The above could have already been thought about when building Solr Cloud so it 
might be a nonstarter.

> SolrCloud will delete the core data for any core that is not referenced in 
> the clusterstate
> -------------------------------------------------------------------------------------------
>
>                 Key: SOLR-13396
>                 URL: https://issues.apache.org/jira/browse/SOLR-13396
>             Project: Solr
>          Issue Type: Bug
>      Security Level: Public(Default Security Level. Issues are Public) 
>          Components: SolrCloud
>    Affects Versions: 7.3.1, 8.0
>            Reporter: Shawn Heisey
>            Priority: Major
>
> SOLR-12066 is an improvement designed to delete core data for replicas that 
> were deleted while the node was down -- better cleanup.

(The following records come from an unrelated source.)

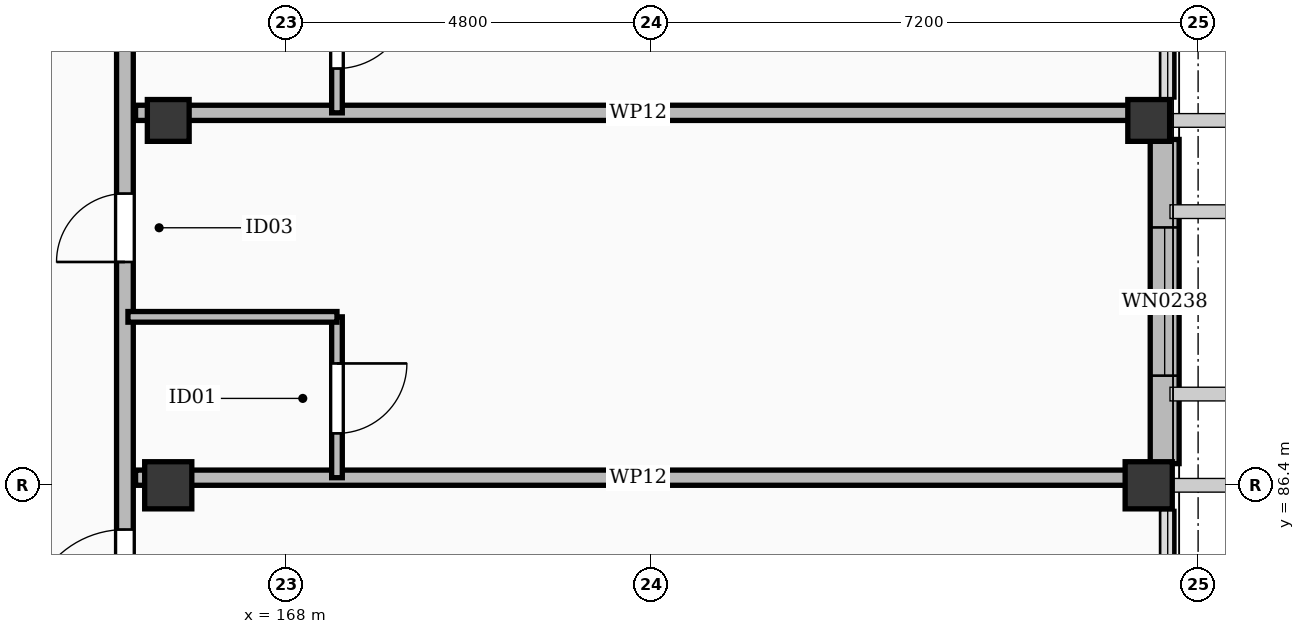
"""IFC4 building model, lengths in metres.
Left out: names, types, materials, properties, quantities, classifications, styles, units other than length and angle.
Written with IfcOpenShell. Run it as: python <this file> out.ifc"""

import sys

from ifc_helpers import new_model, si_unit, direction, frame, frame_2d, origin, origin_2d, place, context, subcontext, project, spatial, rectangle, extrude, element, fill, save


model = new_model("IFC4")
c1 = context("Model", 3, precision=1e-05, world=origin(), true_north=direction((0.0, 1.0)))
c2 = subcontext(c1, "Body", "Model", "MODEL_VIEW")
j1 = project(units=[si_unit("LENGTHUNIT", "METRE"), si_unit("PLANEANGLEUNIT", "RADIAN")], contexts=[c1])
p1 = place(None, origin())
s1 = spatial("IfcSite", under=j1, at=p1, CompositionType="ELEMENT")
p2 = place(p1, origin())
s2 = spatial("IfcBuilding", under=s1, at=p2, CompositionType="ELEMENT")
p3 = place(p2, frame((0.0, 0.0, 42.6)))
s3 = spatial("IfcBuildingStorey", under=s2, at=p3, CompositionType="ELEMENT", Elevation=42.6)
for number, where, z_axis, x_axis in (
    (1, (166.45, 86.4, 0.0), (0.0, 0.0, 1.0), (1.0, 0.0, 0.0)),
    (2, (179.35, 86.4, 0.0), (0.0, 0.0, 1.0), (1.0, 0.0, 0.0)),
):
    element("IfcColumn", number, at=place(p3, frame(where, z_axis=z_axis, x_axis=x_axis)), inside=s3, PredefinedType="COLUMN", context=c2, shape_type="SweptSolid", body=[
        extrude(rectangle(XDim=0.62, YDim=0.62, at=origin_2d()), origin(), (0.0, 0.0, 1.0), 3.9),
    ])
for number, where, z_axis, x_axis in (
    (3, (166.45, 91.2, 0.0), (0.0, 0.0, 1.0), (1.0, 0.0, 0.0)),
    (4, (179.35, 91.2, 0.0), (0.0, 0.0, 1.0), (1.0, 0.0, 0.0)),
):
    element("IfcColumn", number, at=place(p3, frame(where, z_axis=z_axis, x_axis=x_axis)), inside=s3, PredefinedType="COLUMN", context=c2, shape_type="SweptSolid", body=[
        extrude(rectangle(XDim=0.55, YDim=0.55, at=origin_2d()), origin(), (0.0, 0.0, 1.0), 3.9),
    ])
p4 = place(p3, frame((179.56, 90.95, 0.0), z_axis=(0.0, 0.0, 1.0), x_axis=(0.0, -1.0, 0.0)))
e5 = element("IfcWall", 5, at=p4, inside=s3, PredefinedType="SOLIDWALL", context=c2, shape_type="SweptSolid", body=[
    extrude(rectangle(XDim=4.265, YDim=0.38, at=frame_2d((2.132, 0.0))), origin(), (0.0, 0.0, 1.0), 2.902),
])
p5 = place(p4, frame((1.157, 0.0, 0.55)))
e6 = element("IfcOpeningElement", 6, at=p5, cuts=e5, PredefinedType="OPENING", context=c2, shape_type="SweptSolid", body=[
    extrude(rectangle(XDim=1.95, YDim=1.77, at=frame_2d((0.975, 0.885))), frame((0.0, 0.202, 0.0), z_axis=(0.0, -1.0, 0.0), x_axis=(1.0, 0.0, 0.0)), (0.0, 0.0, 1.0), 0.404),
])
p6 = place(p3, frame((165.88, 62.75, 0.0), z_axis=(0.0, 0.0, 1.0), x_axis=(0.0, 1.0, 0.0)))
e7 = element("IfcWall", 7, at=p6, inside=s3, PredefinedType="PARTITIONING", context=c2, shape_type="SweptSolid", body=[
    extrude(rectangle(XDim=62.9, YDim=0.22, at=frame_2d((31.45, 0.0))), origin(), (0.0, 0.0, 1.0), 2.902),
])
p7 = place(p6, frame((0.691, 0.0, 0.0)))
e8 = element("IfcOpeningElement", 8, at=p7, cuts=e7, PredefinedType="OPENING", context=c2, shape_type="SweptSolid", body=[
    extrude(rectangle(XDim=1.05, YDim=2.22, at=frame_2d((0.525, 1.11))), frame((0.0, 0.122, 0.0), z_axis=(0.0, -1.0, 0.0), x_axis=(1.0, 0.0, 0.0)), (0.0, 0.0, 1.0), 0.244),
])
p8 = place(p6, frame((7.388, 0.0, 0.0)))
e9 = element("IfcOpeningElement", 9, at=p8, cuts=e7, PredefinedType="OPENING", context=c2, shape_type="SweptSolid", body=[
    extrude(rectangle(XDim=1.02, YDim=2.2, at=frame_2d((0.51, 1.1))), frame((0.0, 0.122, 0.0), z_axis=(0.0, -1.0, 0.0), x_axis=(1.0, 0.0, 0.0)), (0.0, 0.0, 1.0), 0.244),
])
p9 = place(p6, frame((12.188, 0.0, 0.0)))
e10 = element("IfcOpeningElement", 10, at=p9, cuts=e7, PredefinedType="OPENING", context=c2, shape_type="SweptSolid", body=[
    extrude(rectangle(XDim=1.14, YDim=2.26, at=frame_2d((0.57, 1.13))), frame((0.0, 0.122, 0.0), z_axis=(0.0, -1.0, 0.0), x_axis=(1.0, 0.0, 0.0)), (0.0, 0.0, 1.0), 0.244),
])
p10 = place(p6, frame((16.988, 0.0, 0.0)))
e11 = element("IfcOpeningElement", 11, at=p10, cuts=e7, PredefinedType="OPENING", context=c2, shape_type="SweptSolid", body=[
    extrude(rectangle(XDim=0.98, YDim=2.15, at=frame_2d((0.49, 1.075))), frame((0.0, 0.122, 0.0), z_axis=(0.0, -1.0, 0.0), x_axis=(1.0, 0.0, 0.0)), (0.0, 0.0, 1.0), 0.244),
])
p11 = place(p6, frame((21.788, 0.0, 0.0)))
e12 = element("IfcOpeningElement", 12, at=p11, cuts=e7, PredefinedType="OPENING", context=c2, shape_type="SweptSolid", body=[
    extrude(rectangle(XDim=1.28, YDim=2.16, at=frame_2d((0.64, 1.08))), frame((0.0, 0.122, 0.0), z_axis=(0.0, -1.0, 0.0), x_axis=(1.0, 0.0, 0.0)), (0.0, 0.0, 1.0), 0.244),
])
p12 = place(p6, frame((26.588, 0.0, 0.0)))
e13 = element("IfcOpeningElement", 13, at=p12, cuts=e7, PredefinedType="OPENING", context=c2, shape_type="SweptSolid", body=[
    extrude(rectangle(XDim=0.9, YDim=2.08, at=frame_2d((0.45, 1.04))), frame((0.0, 0.122, 0.0), z_axis=(0.0, -1.0, 0.0), x_axis=(1.0, 0.0, 0.0)), (0.0, 0.0, 1.0), 0.244),
])
p13 = place(p6, frame((31.388, 0.0, 0.0)))
e14 = element("IfcOpeningElement", 14, at=p13, cuts=e7, PredefinedType="OPENING", context=c2, shape_type="SweptSolid", body=[
    extrude(rectangle(XDim=1.05, YDim=2.22, at=frame_2d((0.525, 1.11))), frame((0.0, 0.122, 0.0), z_axis=(0.0, -1.0, 0.0), x_axis=(1.0, 0.0, 0.0)), (0.0, 0.0, 1.0), 0.244),
])
p14 = place(p6, frame((36.188, 0.0, 0.0)))
e15 = element("IfcOpeningElement", 15, at=p14, cuts=e7, PredefinedType="OPENING", context=c2, shape_type="SweptSolid", body=[
    extrude(rectangle(XDim=1.02, YDim=2.2, at=frame_2d((0.51, 1.1))), frame((0.0, 0.122, 0.0), z_axis=(0.0, -1.0, 0.0), x_axis=(1.0, 0.0, 0.0)), (0.0, 0.0, 1.0), 0.244),
])
p15 = place(p6, frame((40.988, 0.0, 0.0)))
e16 = element("IfcOpeningElement", 16, at=p15, cuts=e7, PredefinedType="OPENING", context=c2, shape_type="SweptSolid", body=[
    extrude(rectangle(XDim=1.14, YDim=2.26, at=frame_2d((0.57, 1.13))), frame((0.0, 0.122, 0.0), z_axis=(0.0, -1.0, 0.0), x_axis=(1.0, 0.0, 0.0)), (0.0, 0.0, 1.0), 0.244),
])
p16 = place(p6, frame((45.788, 0.0, 0.0)))
e17 = element("IfcOpeningElement", 17, at=p16, cuts=e7, PredefinedType="OPENING", context=c2, shape_type="SweptSolid", body=[
    extrude(rectangle(XDim=0.98, YDim=2.15, at=frame_2d((0.49, 1.075))), frame((0.0, 0.122, 0.0), z_axis=(0.0, -1.0, 0.0), x_axis=(1.0, 0.0, 0.0)), (0.0, 0.0, 1.0), 0.244),
])
p17 = place(p6, frame((50.588, 0.0, 0.0)))
e18 = element("IfcOpeningElement", 18, at=p17, cuts=e7, PredefinedType="OPENING", context=c2, shape_type="SweptSolid", body=[
    extrude(rectangle(XDim=1.28, YDim=2.16, at=frame_2d((0.64, 1.08))), frame((0.0, 0.122, 0.0), z_axis=(0.0, -1.0, 0.0), x_axis=(1.0, 0.0, 0.0)), (0.0, 0.0, 1.0), 0.244),
])
p18 = place(p6, frame((55.388, 0.0, 0.0)))
e19 = element("IfcOpeningElement", 19, at=p18, cuts=e7, PredefinedType="OPENING", context=c2, shape_type="SweptSolid", body=[
    extrude(rectangle(XDim=0.9, YDim=2.08, at=frame_2d((0.45, 1.04))), frame((0.0, 0.122, 0.0), z_axis=(0.0, -1.0, 0.0), x_axis=(1.0, 0.0, 0.0)), (0.0, 0.0, 1.0), 0.244),
])
p19 = place(p6, frame((60.188, 0.0, 0.0)))
e20 = element("IfcOpeningElement", 20, at=p19, cuts=e7, PredefinedType="OPENING", context=c2, shape_type="SweptSolid", body=[
    extrude(rectangle(XDim=1.05, YDim=2.22, at=frame_2d((0.525, 1.11))), frame((0.0, 0.122, 0.0), z_axis=(0.0, -1.0, 0.0), x_axis=(1.0, 0.0, 0.0)), (0.0, 0.0, 1.0), 0.244),
])
p20 = place(p3, frame((166.02, 86.5, 0.0), z_axis=(0.0, 0.0, 1.0), x_axis=(1.0, 0.0, 0.0)))
e21 = element("IfcWall", 21, at=p20, inside=s3, PredefinedType="PARTITIONING", context=c2, shape_type="SweptSolid", body=[
    extrude(rectangle(XDim=13.23, YDim=0.2, at=frame_2d((6.615, 0.0))), origin(), (0.0, 0.0, 1.0), 2.902),
])
p21 = place(p3, frame((168.67, 86.5, 0.0), z_axis=(0.0, 0.0, 1.0), x_axis=(0.0, 1.0, 0.0)))
e22 = element("IfcWall", 22, at=p21, inside=s3, PredefinedType="PARTITIONING", context=c2, shape_type="SweptSolid", body=[
    extrude(rectangle(XDim=2.116, YDim=0.14, at=frame_2d((1.058, 0.0))), origin(), (0.0, 0.0, 1.0), 3.072),
])
p22 = place(p21, frame((0.583, 0.0, 0.0)))
e23 = element("IfcOpeningElement", 23, at=p22, cuts=e22, PredefinedType="OPENING", context=c2, shape_type="SweptSolid", body=[
    extrude(rectangle(XDim=0.92, YDim=2.1, at=frame_2d((0.46, 1.05))), frame((0.0, 0.082, 0.0), z_axis=(0.0, -1.0, 0.0), x_axis=(1.0, 0.0, 0.0)), (0.0, 0.0, 1.0), 0.164),
])
p23 = place(p3, frame((165.92, 88.616, 0.0), z_axis=(0.0, 0.0, 1.0), x_axis=(1.0, 0.0, 0.0)))
e24 = element("IfcWall", 24, at=p23, inside=s3, PredefinedType="PARTITIONING", context=c2, shape_type="SweptSolid", body=[
    extrude(rectangle(XDim=2.75, YDim=0.14, at=frame_2d((1.375, 0.0))), origin(), (0.0, 0.0, 1.0), 3.072),
])
p24 = place(p3, frame((166.02, 91.3, 0.0), z_axis=(0.0, 0.0, 1.0), x_axis=(1.0, 0.0, 0.0)))
e25 = element("IfcWall", 25, at=p24, inside=s3, PredefinedType="PARTITIONING", context=c2, shape_type="SweptSolid", body=[
    extrude(rectangle(XDim=13.23, YDim=0.2, at=frame_2d((6.615, 0.0))), origin(), (0.0, 0.0, 1.0), 2.902),
])
p25 = place(p3, frame((168.67, 91.3, 0.0), z_axis=(0.0, 0.0, 1.0), x_axis=(0.0, 1.0, 0.0)))
e26 = element("IfcWall", 26, at=p25, inside=s3, PredefinedType="PARTITIONING", context=c2, shape_type="SweptSolid", body=[
    extrude(rectangle(XDim=2.116, YDim=0.14, at=frame_2d((1.058, 0.0))), origin(), (0.0, 0.0, 1.0), 3.072),
])
p26 = place(p25, frame((0.583, 0.0, 0.0)))
e27 = element("IfcOpeningElement", 27, at=p26, cuts=e26, PredefinedType="OPENING", context=c2, shape_type="SweptSolid", body=[
    extrude(rectangle(XDim=0.96, YDim=2.12, at=frame_2d((0.48, 1.06))), frame((0.0, 0.082, 0.0), z_axis=(0.0, -1.0, 0.0), x_axis=(1.0, 0.0, 0.0)), (0.0, 0.0, 1.0), 0.164),
])
p27 = place(p5, origin())
e28 = element("IfcWindow", 28, at=p27, inside=s3, PartitioningType="SINGLE_PANEL", PredefinedType="WINDOW", context=c2, shape_type="SweptSolid", body=[
    extrude(rectangle(XDim=1.95, YDim=1.77, at=frame_2d((0.975, 0.885))), frame((0.0, 0.03, 0.0), z_axis=(0.0, -1.0, 0.0), x_axis=(1.0, 0.0, 0.0)), (0.0, 0.0, 1.0), 0.06),
])
fill(e6, e28)
p28 = place(p11, origin())
e29 = element("IfcDoor", 29, at=p28, inside=s3, OperationType="SINGLE_SWING_LEFT", PredefinedType="DOOR", context=c2, shape_type="SweptSolid", body=[
    extrude(rectangle(XDim=1.28, YDim=2.16, at=frame_2d((0.64, 1.08))), frame((0.0, 0.025, 0.0), z_axis=(0.0, -1.0, 0.0), x_axis=(1.0, 0.0, 0.0)), (0.0, 0.0, 1.0), 0.05),
])
fill(e12, e29)
p29 = place(p12, origin())
e30 = element("IfcDoor", 30, at=p29, inside=s3, OperationType="SINGLE_SWING_LEFT", PredefinedType="DOOR", context=c2, shape_type="SweptSolid", body=[
    extrude(rectangle(XDim=0.9, YDim=2.08, at=frame_2d((0.45, 1.04))), frame((0.0, 0.025, 0.0), z_axis=(0.0, -1.0, 0.0), x_axis=(1.0, 0.0, 0.0)), (0.0, 0.0, 1.0), 0.05),
])
fill(e13, e30)
p30 = place(p22, frame((0.92, 0.0, 0.0), z_axis=(0.0, 0.0, 1.0), x_axis=(-1.0, 0.0, 0.0)))
e31 = element("IfcDoor", 31, at=p30, inside=s3, OperationType="SINGLE_SWING_RIGHT", PredefinedType="DOOR", context=c2, shape_type="SweptSolid", body=[
    extrude(rectangle(XDim=0.92, YDim=2.1, at=frame_2d((0.46, 1.05))), frame((0.0, 0.025, 0.0), z_axis=(0.0, -1.0, 0.0), x_axis=(1.0, 0.0, 0.0)), (0.0, 0.0, 1.0), 0.05),
])
fill(e23, e31)
p31 = place(p26, frame((0.96, 0.0, 0.0), z_axis=(0.0, 0.0, 1.0), x_axis=(-1.0, 0.0, 0.0)))
e32 = element("IfcDoor", 32, at=p31, inside=s3, OperationType="SINGLE_SWING_RIGHT", PredefinedType="DOOR", context=c2, shape_type="SweptSolid", body=[
    extrude(rectangle(XDim=0.96, YDim=2.12, at=frame_2d((0.48, 1.06))), frame((0.0, 0.025, 0.0), z_axis=(0.0, -1.0, 0.0), x_axis=(1.0, 0.0, 0.0)), (0.0, 0.0, 1.0), 0.05),
])
fill(e27, e32)
save(model, sys.argv[1])

> In practice, that change causes SolrCloud to delete all core data for cores 
> that are not referenced in the ZK clusterstate.  If all the ZK data gets 
> deleted or the Solr instance is pointed at a ZK ensemble with no data, it 
> will proceed to delete all of the cores in the solr home, with no possibility 
> of recovery.
> I do not think that Solr should ever delete core data unless an explicit 
> DELETE action has been made and the node is operational at the time of the 
> request.  If a core exists during startup that cannot be found in the ZK 
> clusterstate, it should be ignored (not started) and a helpful message should 
> be logged.  I think that message should probably be at WARN so that it shows 
> up in the admin UI logging tab with default settings.